Polydopamine/Carbon Black/Carbon Nanofiber/Thermoplastic Polyurethane Composite Nanofiber Strain Sensor with Ultrahigh Loading Rate for Human Activity Monitoring

Developing flexible wearable strain sensors that combine high performance and cost-effectiveness remains a challenge. We proposed the polarity-induced adsorption theory based on the like dissolves like principle, which can dramatically increase the loading rate of carbon nanomaterials on TPU electrospun nanofiber substrates, and constructed flexible PDA/CB/CNF/TPU strain sensors (PCCT) with dual-mode three-dimensional nanobrush-bridging structures of binary carbon-based active filler through the introduction of a binary mixed dispersant system. The trend of similar effects on the loading rate and sheet resistance present for a variety of systems proves the objective existence and applicability of the polarity-induced adsorption theory, and then, the microscopic mechanism of action of the model is analyzed and explained.
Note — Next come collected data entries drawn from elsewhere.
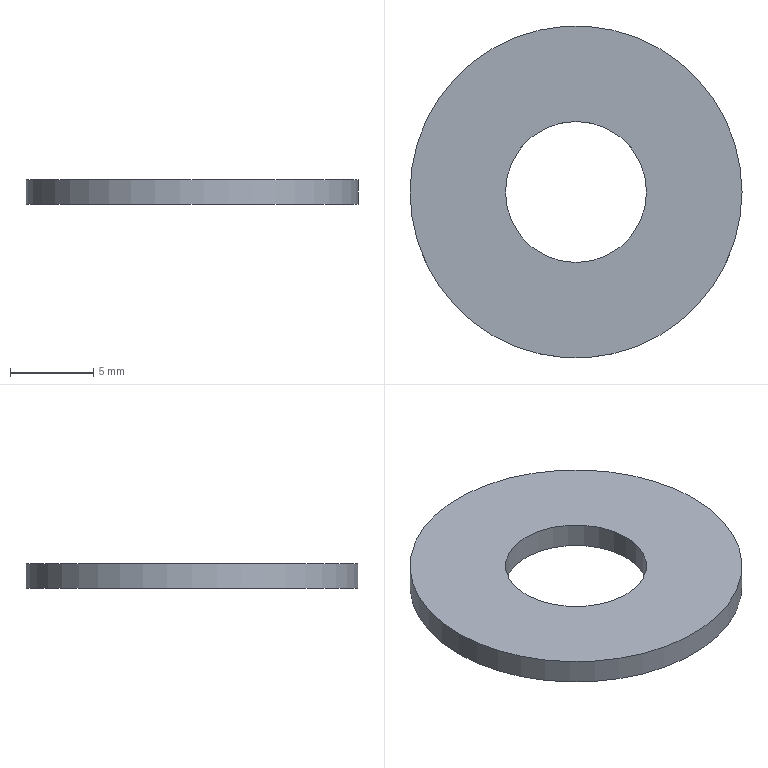Component | NX | WASHER | 1 solid | 4 faces | box 20 x 20 x 1.5 mm | volume 386 mm3 | cylinder 2 | plane 2 | commonest cylinder face diameters 20 x1 8.5 x1
STEP:
#1=CARTESIAN_POINT('',(0.,0.,0.));
#2=DIRECTION('',(0.,0.,1.));
#3=DIRECTION('',(1.,0.,0.));
#4=AXIS2_PLACEMENT_3D('',#1,#2,#3);
#5=CARTESIAN_POINT('',(36.422,91.456,-21.));
#6=VERTEX_POINT('',#5);
#7=CARTESIAN_POINT('',(26.422,91.456,-21.));
#8=DIRECTION('',(0.,0.,-1.));
#9=DIRECTION('',(1.,0.,0.));
#10=AXIS2_PLACEMENT_3D('',#7,#8,#9);
#11=CIRCLE('',#10,10.);
#12=CARTESIAN_POINT('',(26.422,91.456,-21.));
#13=DIRECTION('',(0.,0.,1.));
#14=DIRECTION('',(-1.,0.,0.));
#15=AXIS2_PLACEMENT_3D('',#12,#13,#14);
#16=CYLINDRICAL_SURFACE('',#15,10.);
#17=CARTESIAN_POINT('',(9.425,0.));
#18=DIRECTION('',(-1.,0.));
#19=VECTOR('',#18,1.);
#20=LINE('',#17,#19);
#21=(GEOMETRIC_REPRESENTATION_CONTEXT(2)PARAMETRIC_REPRESENTATION_CONTEXT()REPRESENTATION_CONTEXT('',''));
#22=DEFINITIONAL_REPRESENTATION('',(#20),#21);
#23=PCURVE('',#16,#22);
#24=CARTESIAN_POINT('',(26.422,91.456,-21.));
#25=DIRECTION('',(0.,0.,-1.));
#26=DIRECTION('',(1.,0.,0.));
#27=AXIS2_PLACEMENT_3D('',#24,#25,#26);
#28=PLANE('',#27);
#29=CARTESIAN_POINT('',(0.,0.));
#30=DIRECTION('',(1.,0.));
#31=AXIS2_PLACEMENT_2D('',#29,#30);
#32=CIRCLE('',#31,10.);
#33=(GEOMETRIC_REPRESENTATION_CONTEXT(2)PARAMETRIC_REPRESENTATION_CONTEXT()REPRESENTATION_CONTEXT('',''));
#34=DEFINITIONAL_REPRESENTATION('',(#32),#33);
#35=PCURVE('',#28,#34);
#36=SURFACE_CURVE('',#11,(#23,#35),.PCURVE_S1.);
#37=EDGE_CURVE('',#6,#6,#36,.T.);
#38=ORIENTED_EDGE('',*,*,#37,.F.);
#39=CARTESIAN_POINT('',(36.422,91.456,-19.5));
#40=VERTEX_POINT('',#39);
#41=CARTESIAN_POINT('',(36.422,91.456,-21.));
#42=CARTESIAN_POINT('',(36.422,91.456,-19.5));
#43=B_SPLINE_CURVE_WITH_KNOTS('',1,(#41,#42),.UNSPECIFIED.,.F.,.F.,(2,2),(0.,1.5),.PIECEWISE_BEZIER_KNOTS.);
#44=CARTESIAN_POINT('',(9.425,0.));
#45=DIRECTION('',(0.,1.));
#46=VECTOR('',#45,1.);
#47=LINE('',#44,#46);
#48=(GEOMETRIC_REPRESENTATION_CONTEXT(2)PARAMETRIC_REPRESENTATION_CONTEXT()REPRESENTATION_CONTEXT('',''));
#49=DEFINITIONAL_REPRESENTATION('',(#47),#48);
#50=PCURVE('',#16,#49);
#51=CARTESIAN_POINT('',(3.142,0.));
#52=DIRECTION('',(0.,1.));
#53=VECTOR('',#52,1.);
#54=LINE('',#51,#53);
#55=(GEOMETRIC_REPRESENTATION_CONTEXT(2)PARAMETRIC_REPRESENTATION_CONTEXT()REPRESENTATION_CONTEXT('',''));
#56=DEFINITIONAL_REPRESENTATION('',(#54),#55);
#57=PCURVE('',#16,#56);
#58=SEAM_CURVE('',#43,(#50,#57),.PCURVE_S1.);
#59=EDGE_CURVE('',#6,#40,#58,.T.);
#60=ORIENTED_EDGE('',*,*,#59,.T.);
#61=CARTESIAN_POINT('',(26.422,91.456,-19.5));
#62=DIRECTION('',(0.,0.,-1.));
#63=DIRECTION('',(1.,0.,0.));
#64=AXIS2_PLACEMENT_3D('',#61,#62,#63);
#65=CIRCLE('',#64,10.);
#66=CARTESIAN_POINT('',(9.425,1.5));
#67=DIRECTION('',(-1.,0.));
#68=VECTOR('',#67,1.);
#69=LINE('',#66,#68);
#70=(GEOMETRIC_REPRESENTATION_CONTEXT(2)PARAMETRIC_REPRESENTATION_CONTEXT()REPRESENTATION_CONTEXT('',''));
#71=DEFINITIONAL_REPRESENTATION('',(#69),#70);
#72=PCURVE('',#16,#71);
#73=CARTESIAN_POINT('',(26.422,91.456,-19.5));
#74=DIRECTION('',(0.,0.,-1.));
#75=DIRECTION('',(1.,0.,0.));
#76=AXIS2_PLACEMENT_3D('',#73,#74,#75);
#77=PLANE('',#76);
#78=CARTESIAN_POINT('',(0.,0.));
#79=DIRECTION('',(1.,0.));
#80=AXIS2_PLACEMENT_2D('',#78,#79);
#81=CIRCLE('',#80,10.);
#82=(GEOMETRIC_REPRESENTATION_CONTEXT(2)PARAMETRIC_REPRESENTATION_CONTEXT()REPRESENTATION_CONTEXT('',''));
#83=DEFINITIONAL_REPRESENTATION('',(#81),#82);
#84=PCURVE('',#77,#83);
#85=SURFACE_CURVE('',#65,(#72,#84),.PCURVE_S1.);
#86=EDGE_CURVE('',#40,#40,#85,.T.);
#87=ORIENTED_EDGE('',*,*,#86,.T.);
#88=ORIENTED_EDGE('',*,*,#59,.F.);
#89=EDGE_LOOP('',(#38,#60,#87,#88));
#90=FACE_BOUND('',#89,.T.);
#91=ADVANCED_FACE('',(#90),#16,.T.);
#92=CARTESIAN_POINT('',(30.672,91.456,-21.));
#93=VERTEX_POINT('',#92);
#94=CARTESIAN_POINT('',(26.422,91.456,-21.));
#95=DIRECTION('',(0.,0.,-1.));
#96=DIRECTION('',(1.,0.,0.));
#97=AXIS2_PLACEMENT_3D('',#94,#95,#96);
#98=CIRCLE('',#97,4.25);
#99=CARTESIAN_POINT('',(26.422,91.456,-21.));
#100=DIRECTION('',(0.,0.,1.));
#101=DIRECTION('',(-1.,0.,0.));
#102=AXIS2_PLACEMENT_3D('',#99,#100,#101);
#103=CYLINDRICAL_SURFACE('',#102,4.25);
#104=CARTESIAN_POINT('',(9.425,0.));
#105=DIRECTION('',(-1.,0.));
#106=VECTOR('',#105,1.);
#107=LINE('',#104,#106);
#108=(GEOMETRIC_REPRESENTATION_CONTEXT(2)PARAMETRIC_REPRESENTATION_CONTEXT()REPRESENTATION_CONTEXT('',''));
#109=DEFINITIONAL_REPRESENTATION('',(#107),#108);
#110=PCURVE('',#103,#109);
#111=CARTESIAN_POINT('',(0.,0.));
#112=DIRECTION('',(1.,0.));
#113=AXIS2_PLACEMENT_2D('',#111,#112);
#114=CIRCLE('',#113,4.25);
#115=(GEOMETRIC_REPRESENTATION_CONTEXT(2)PARAMETRIC_REPRESENTATION_CONTEXT()REPRESENTATION_CONTEXT('',''));
#116=DEFINITIONAL_REPRESENTATION('',(#114),#115);
#117=PCURVE('',#28,#116);
#118=SURFACE_CURVE('',#98,(#110,#117),.PCURVE_S1.);
#119=EDGE_CURVE('',#93,#93,#118,.T.);
#120=ORIENTED_EDGE('',*,*,#119,.F.);
#121=CARTESIAN_POINT('',(30.672,91.456,-19.5));
#122=VERTEX_POINT('',#121);
#123=CARTESIAN_POINT('',(30.672,91.456,-21.));
#124=CARTESIAN_POINT('',(30.672,91.456,-19.5));
#125=B_SPLINE_CURVE_WITH_KNOTS('',1,(#123,#124),.UNSPECIFIED.,.F.,.F.,(2,2),(0.,1.5),.PIECEWISE_BEZIER_KNOTS.);
#126=CARTESIAN_POINT('',(9.425,0.));
#127=DIRECTION('',(0.,1.));
#128=VECTOR('',#127,1.);
#129=LINE('',#126,#128);
#130=(GEOMETRIC_REPRESENTATION_CONTEXT(2)PARAMETRIC_REPRESENTATION_CONTEXT()REPRESENTATION_CONTEXT('',''));
#131=DEFINITIONAL_REPRESENTATION('',(#129),#130);
#132=PCURVE('',#103,#131);
#133=CARTESIAN_POINT('',(3.142,0.));
#134=DIRECTION('',(0.,1.));
#135=VECTOR('',#134,1.);
#136=LINE('',#133,#135);
#137=(GEOMETRIC_REPRESENTATION_CONTEXT(2)PARAMETRIC_REPRESENTATION_CONTEXT()REPRESENTATION_CONTEXT('',''));
#138=DEFINITIONAL_REPRESENTATION('',(#136),#137);
#139=PCURVE('',#103,#138);
#140=SEAM_CURVE('',#125,(#132,#139),.PCURVE_S1.);
#141=EDGE_CURVE('',#93,#122,#140,.T.);
#142=ORIENTED_EDGE('',*,*,#141,.T.);
#143=CARTESIAN_POINT('',(26.422,91.456,-19.5));
#144=DIRECTION('',(0.,0.,-1.));
#145=DIRECTION('',(1.,0.,0.));
#146=AXIS2_PLACEMENT_3D('',#143,#144,#145);
#147=CIRCLE('',#146,4.25);
#148=CARTESIAN_POINT('',(9.425,1.5));
#149=DIRECTION('',(-1.,0.));
#150=VECTOR('',#149,1.);
#151=LINE('',#148,#150);
#152=(GEOMETRIC_REPRESENTATION_CONTEXT(2)PARAMETRIC_REPRESENTATION_CONTEXT()REPRESENTATION_CONTEXT('',''));
#153=DEFINITIONAL_REPRESENTATION('',(#151),#152);
#154=PCURVE('',#103,#153);
#155=CARTESIAN_POINT('',(0.,0.));
#156=DIRECTION('',(1.,0.));
#157=AXIS2_PLACEMENT_2D('',#155,#156);
#158=CIRCLE('',#157,4.25);
#159=(GEOMETRIC_REPRESENTATION_CONTEXT(2)PARAMETRIC_REPRESENTATION_CONTEXT()REPRESENTATION_CONTEXT('',''));
#160=DEFINITIONAL_REPRESENTATION('',(#158),#159);
#161=PCURVE('',#77,#160);
#162=SURFACE_CURVE('',#147,(#154,#161),.PCURVE_S1.);
#163=EDGE_CURVE('',#122,#122,#162,.T.);
#164=ORIENTED_EDGE('',*,*,#163,.T.);
#165=ORIENTED_EDGE('',*,*,#141,.F.);
#166=EDGE_LOOP('',(#120,#142,#164,#165));
#167=FACE_BOUND('',#166,.F.);
#168=ADVANCED_FACE('',(#167),#103,.F.);
#169=ORIENTED_EDGE('',*,*,#37,.T.);
#170=EDGE_LOOP('',(#169));
#171=FACE_BOUND('',#170,.T.);
#172=ORIENTED_EDGE('',*,*,#119,.F.);
#173=EDGE_LOOP('',(#172));
#174=FACE_BOUND('',#173,.T.);
#175=ADVANCED_FACE('',(#171,#174),#28,.T.);
#176=ORIENTED_EDGE('',*,*,#86,.F.);
#177=EDGE_LOOP('',(#176));
#178=FACE_BOUND('',#177,.T.);
#179=ORIENTED_EDGE('',*,*,#163,.T.);
#180=EDGE_LOOP('',(#179));
#181=FACE_BOUND('',#180,.T.);
#182=ADVANCED_FACE('',(#178,#181),#77,.F.);
#183=CLOSED_SHELL('',(#91,#168,#175,#182));
#184=MANIFOLD_SOLID_BREP('',#183);
#185=(LENGTH_UNIT()NAMED_UNIT(*)SI_UNIT(.MILLI.,.METRE.));
#186=UNCERTAINTY_MEASURE_WITH_UNIT(LENGTH_MEASURE(0.00001),#185,'','');
#187=(NAMED_UNIT(*)PLANE_ANGLE_UNIT()SI_UNIT($,.RADIAN.));
#188=(NAMED_UNIT(*)SI_UNIT($,.STERADIAN.)SOLID_ANGLE_UNIT());
#189=(GEOMETRIC_REPRESENTATION_CONTEXT(3)GLOBAL_UNCERTAINTY_ASSIGNED_CONTEXT((#186))GLOBAL_UNIT_ASSIGNED_CONTEXT((#185,#187,#188))REPRESENTATION_CONTEXT('',''));
#190=ADVANCED_BREP_SHAPE_REPRESENTATION('',(#4,#184),#189);

The optimization scheme summarized on this basis resulted in a PCCT with an ultrahigh carbon nanomaterial loading rate of 59.5% and an ultralow sheet resistance of 68.5 Ω/sq, which enabled the constructed high-density three-dimensional conductive network with synergistic double-bridging structures to demonstrate a full-stretch range of responsiveness (0.12–285%) and high sensitivity (GF = 25.5 (0–100%), 84.3 (100–200%) and 312.4 (200–285%)), realizing the performance enhancement of low-cost devices. Finally, testing of the response to different levels of strain including human joint movements and muscle movements such as blinking proved the practical value and wide range of applications of PCCT in the field of human monitoring.